🤖 AI Summary
In deep variational Bayesian symbolic music generation, jointly optimizing the Kullback–Leibler divergence (KLD) and attribute regularization (AR) loss remains challenging: excessive KLD constraints degrade controllability, while relaxing them compromises the standard normal prior over the latent space. To address this trade-off, we propose a joint regularization framework based on learnable attribute transformations, embedded within the variational information bottleneck paradigm. Building upon reconstruction loss, our method employs a nonlinear attribute transformation module to dynamically balance KLD and AR terms—replacing rigid linear weighting with adaptive coordination. Experiments demonstrate significant improvements in both generation quality and control accuracy across multiple continuous musical attributes (e.g., tempo, density, tonal strength), while preserving latent distributions closely approximating the standard normal. Thus, our approach achieves unified optimization of controllability and regularization.
📝 Abstract
Explicit latent variable models provide a flexible yet powerful framework for data synthesis, enabling controlled manipulation of generative factors. With latent variables drawn from a tractable probability density function that can be further constrained, these models enable continuous and semantically rich exploration of the output space by navigating their latent spaces. Structured latent representations are typically obtained through the joint minimization of regularization loss functions. In variational information bottleneck models, reconstruction loss and Kullback-Leibler Divergence (KLD) are often linearly combined with an auxiliary Attribute-Regularization (AR) loss. However, balancing KLD and AR turns out to be a very delicate matter.
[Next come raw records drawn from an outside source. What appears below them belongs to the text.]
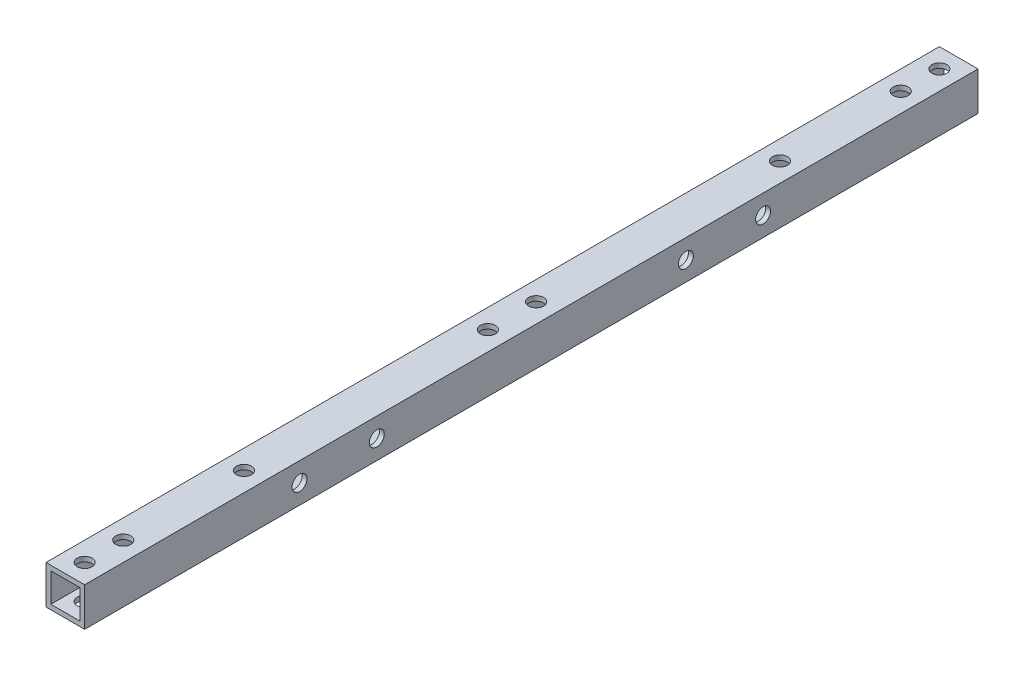
from build123d import *

# Parameters (mm, degrees)
SKETCH_1_W          = 8
SKETCH_1_H          = 8
SKETCH_1_W_2        = 6
SKETCH_1_H_2        = 6
EXTRUDE_1_DEPTH     = 185
SKETCH_2_R          = 1.55
CUT_EXTRUDE_1_DEPTH = 186.216090014
SKETCH_3_R          = 1.55
CUT_EXTRUDE_2_DEPTH = 186.216090014


with BuildPart() as part:
    # 草图1 → 凸台-拉伸1 (new body)
    with BuildSketch(Plane.XY):
        Rectangle(SKETCH_1_W, SKETCH_1_H)
        Rectangle(SKETCH_1_W_2, SKETCH_1_H_2, mode=Mode.SUBTRACT)
    extrude(amount=EXTRUDE_1_DEPTH)

    # 草图2 → 切除-拉伸1 (cut, through all)
    with BuildSketch(Plane(origin=(4, 0, 0), x_dir=(0, 0, -1), z_dir=(1, 0, 0))):
        with Locations(Location((-44.5, 0, 0), (0, 0, 90))):
            Circle(SKETCH_2_R)
        with Locations(Location((-60.5, 0, 0), (0, 0, 90))):
            Circle(SKETCH_2_R)
        with Locations(Location((-124.5, 0, 0), (0, 0, 90))):
            Circle(SKETCH_2_R)
        with Locations(Location((-140.5, 0, 0), (0, 0, 90))):
            Circle(SKETCH_2_R)
    extrude(amount=-CUT_EXTRUDE_1_DEPTH, mode=Mode.SUBTRACT)

    # 草图3 → 切除-拉伸2 (cut, through all)
    with BuildSketch(Plane(origin=(0, 4, 0), x_dir=(1, 0, 0), z_dir=(0, 1, 0))):
        with Locations(Location((0, -4, 0), (0, 0, 270))):
            Circle(SKETCH_3_R)
        with Locations(Location((0, -12, 0), (0, 0, 270))):
            Circle(SKETCH_3_R)
        with Locations(Location((0, -173, 0), (0, 0, 270))):
            Circle(SKETCH_3_R)
        with Locations(Location((0, -181, 0), (0, 0, 270))):
            Circle(SKETCH_3_R)
        with Locations(Location((0, -87.5, 0), (0, 0, 270))):
            Circle(SKETCH_3_R)
        with Locations(Location((0, -97.5, 0), (0, 0, 270))):
            Circle(SKETCH_3_R)
        with Locations(Location((0, -148, 0), (0, 0, 270))):
            Circle(SKETCH_3_R)
        with Locations(Location((0, -37, 0), (0, 0, 270))):
            Circle(SKETCH_3_R)
    extrude(amount=-CUT_EXTRUDE_2_DEPTH, mode=Mode.SUBTRACT)


solid = part.part
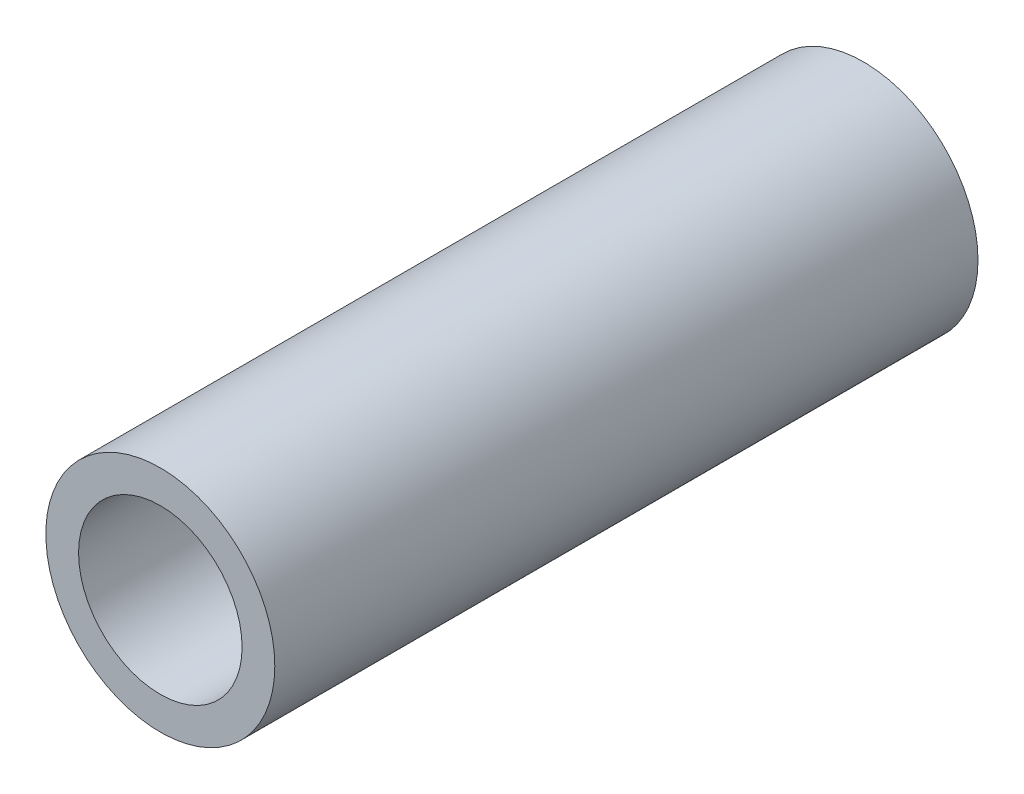
from build123d import *

# Parameters (mm, degrees)
SKETCH_1_R      = 7
SKETCH_1_R_2    = 5
EXTRUDE_1_DEPTH = 43


with BuildPart() as part:
    # 草图1 → 凸台-拉伸1 (new body)
    with BuildSketch(Plane.XY):
        Circle(SKETCH_1_R)
        Circle(SKETCH_1_R_2, mode=Mode.SUBTRACT)
    extrude(amount=EXTRUDE_1_DEPTH)


solid = part.part
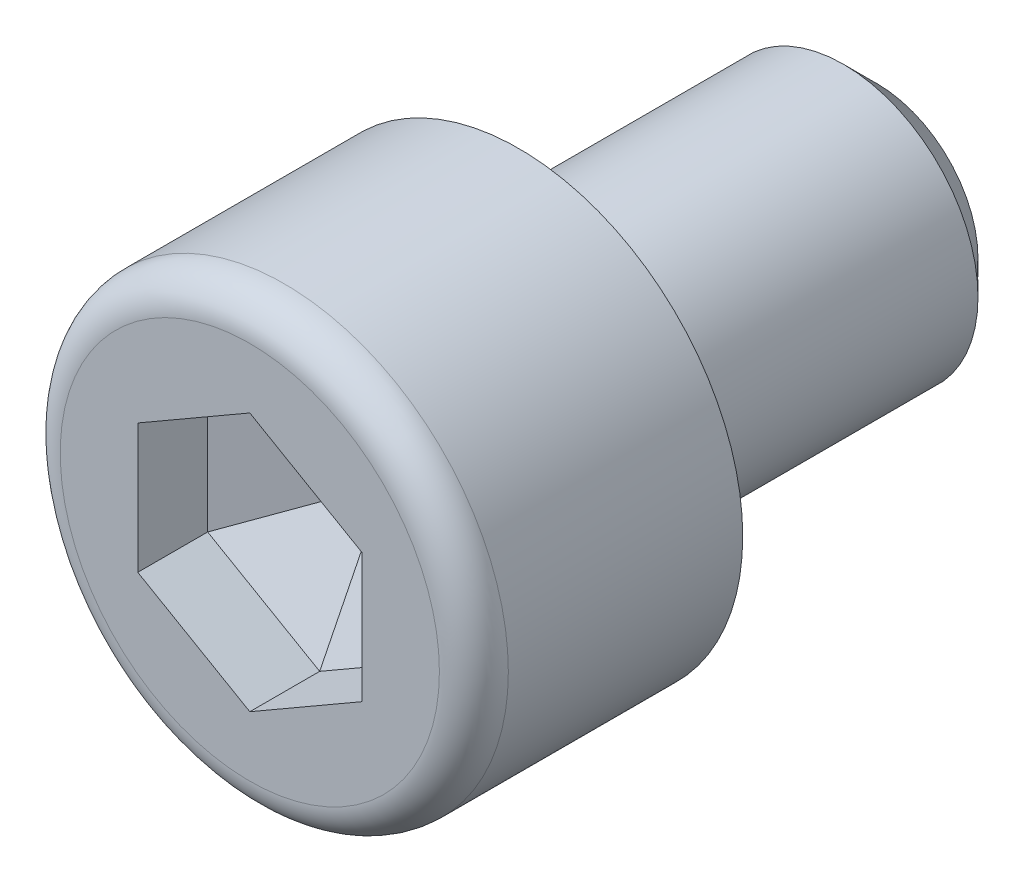
from build123d import *
from OCP.BRepFilletAPI import BRepFilletAPI_MakeChamfer

# Parameters (mm, degrees)
SKETCH_1_R          = 5
EXTRUDE_1_DEPTH     = 6
CUT_EXTRUDE_1_DEPTH = 3
SKETCH_3_R          = 3
EXTRUDE_2_DEPTH     = 8
CHAMFER_1_SIZE      = 0.75
FILLET_1_R          = 0.769230769
CHAMFER_2_SIZE      = 1.44092219
CHAMFER_2_SIZE2     = 2.495750443
FILLET_2_R          = 0.1


with BuildPart() as part:
    # 草图1 → 凸台-拉伸1 (new body)
    with BuildSketch(Plane.XY):
        Circle(SKETCH_1_R)
    extrude(amount=EXTRUDE_1_DEPTH)

    # 草图2 → 切除-拉伸1 (cut)
    with BuildSketch(Plane.XY.offset(6)):
        Polygon((2.5, 1.443375673), (0, 2.886751346), (-2.5, 1.443375673), (-2.5, -1.443375673), (0, -2.886751346), (2.5, -1.443375673), align=None)
    extrude(amount=-CUT_EXTRUDE_1_DEPTH, mode=Mode.SUBTRACT)

    # 草图3 → 凸台-拉伸2 (add)
    with BuildSketch(Plane(origin=(0, 0, 0), x_dir=(-1, 0, 0), z_dir=(0, 0, -1))):
        with Locations(Location((0, 0, 0), (0, 0, 180))):
            Circle(SKETCH_3_R)
    extrude(amount=EXTRUDE_2_DEPTH)

    # 倒角1
    chamfer_1_edges = [part.edges().sort_by_distance(p)[0] for p in [
        (-3, 0, -8),
    ]]
    chamfer(chamfer_1_edges, length=CHAMFER_1_SIZE)

    # 圆角1
    fillet_1_edges = [part.edges().sort_by_distance(p)[0] for p in [
        (-5, 0, 6),
    ]]
    fillet(fillet_1_edges, radius=FILLET_1_R)

    # 倒角2: one chamfer whose edges measure the first distance from different faces: ONE call of the kernel's chamfer builder (chamfer() names one face for all edges)
    chamfer_2_edges_1 = [part.edges().sort_by_distance(p)[0] for p in [
        (1.25, 2.165063509, 3),
    ]]
    chamfer_2_side_1 = [part.faces().sort_by_distance(p)[0] for p in [
        (1.25, 2.165063509, 4.5),
    ]]
    chamfer_2_edges_2 = [part.edges().sort_by_distance(p)[0] for p in [
        (2.5, 0, 3),
    ]]
    chamfer_2_side_2 = [part.faces().sort_by_distance(p)[0] for p in [
        (2.5, 0, 4.5),
    ]]
    chamfer_2_edges_3 = [part.edges().sort_by_distance(p)[0] for p in [
        (1.25, -2.165063509, 3),
    ]]
    chamfer_2_side_3 = [part.faces().sort_by_distance(p)[0] for p in [
        (1.25, -2.165063509, 4.5),
    ]]
    chamfer_2_edges_4 = [part.edges().sort_by_distance(p)[0] for p in [
        (-1.25, -2.165063509, 3),
    ]]
    chamfer_2_side_4 = [part.faces().sort_by_distance(p)[0] for p in [
        (-1.25, -2.165063509, 4.5),
    ]]
    chamfer_2_edges_5 = [part.edges().sort_by_distance(p)[0] for p in [
        (-2.5, 0, 3),
    ]]
    chamfer_2_side_5 = [part.faces().sort_by_distance(p)[0] for p in [
        (-2.5, 0, 4.5),
    ]]
    chamfer_2_edges_6 = [part.edges().sort_by_distance(p)[0] for p in [
        (-1.25, 2.165063509, 3),
    ]]
    chamfer_2_side_6 = [part.faces().sort_by_distance(p)[0] for p in [
        (-1.25, 2.165063509, 4.5),
    ]]
    chamfer_2 = BRepFilletAPI_MakeChamfer(part.part.solid().wrapped)
    for e in chamfer_2_edges_1:
        chamfer_2.Add(CHAMFER_2_SIZE, CHAMFER_2_SIZE2, e.wrapped, chamfer_2_side_1[0].wrapped)  # the first distance lies on this face
    for e in chamfer_2_edges_2:
        chamfer_2.Add(CHAMFER_2_SIZE, CHAMFER_2_SIZE2, e.wrapped, chamfer_2_side_2[0].wrapped)  # the first distance lies on this face
    for e in chamfer_2_edges_3:
        chamfer_2.Add(CHAMFER_2_SIZE, CHAMFER_2_SIZE2, e.wrapped, chamfer_2_side_3[0].wrapped)  # the first distance lies on this face
    for e in chamfer_2_edges_4:
        chamfer_2.Add(CHAMFER_2_SIZE, CHAMFER_2_SIZE2, e.wrapped, chamfer_2_side_4[0].wrapped)  # the first distance lies on this face
    for e in chamfer_2_edges_5:
        chamfer_2.Add(CHAMFER_2_SIZE, CHAMFER_2_SIZE2, e.wrapped, chamfer_2_side_5[0].wrapped)  # the first distance lies on this face
    for e in chamfer_2_edges_6:
        chamfer_2.Add(CHAMFER_2_SIZE, CHAMFER_2_SIZE2, e.wrapped, chamfer_2_side_6[0].wrapped)  # the first distance lies on this face
    add(Compound.cast(chamfer_2.Shape()), mode=Mode.REPLACE)

    # 圆角2
    fillet_2_edges = [part.edges().sort_by_distance(p)[0] for p in [
        (-3, 0, 0),
    ]]
    fillet(fillet_2_edges, radius=FILLET_2_R)


solid = part.part

When KLD dominates over AR, generative models tend to lack controllability; when AR dominates over KLD, the stochastic encoder is encouraged to violate the standard normal prior. We explore this trade-off in the context of symbolic music generation with explicit control over continuous musical attributes. We show that existing approaches struggle to jointly minimize both regularization objectives, whereas suitable attribute transformations can help achieve both controllability and regularization of the target latent dimensions.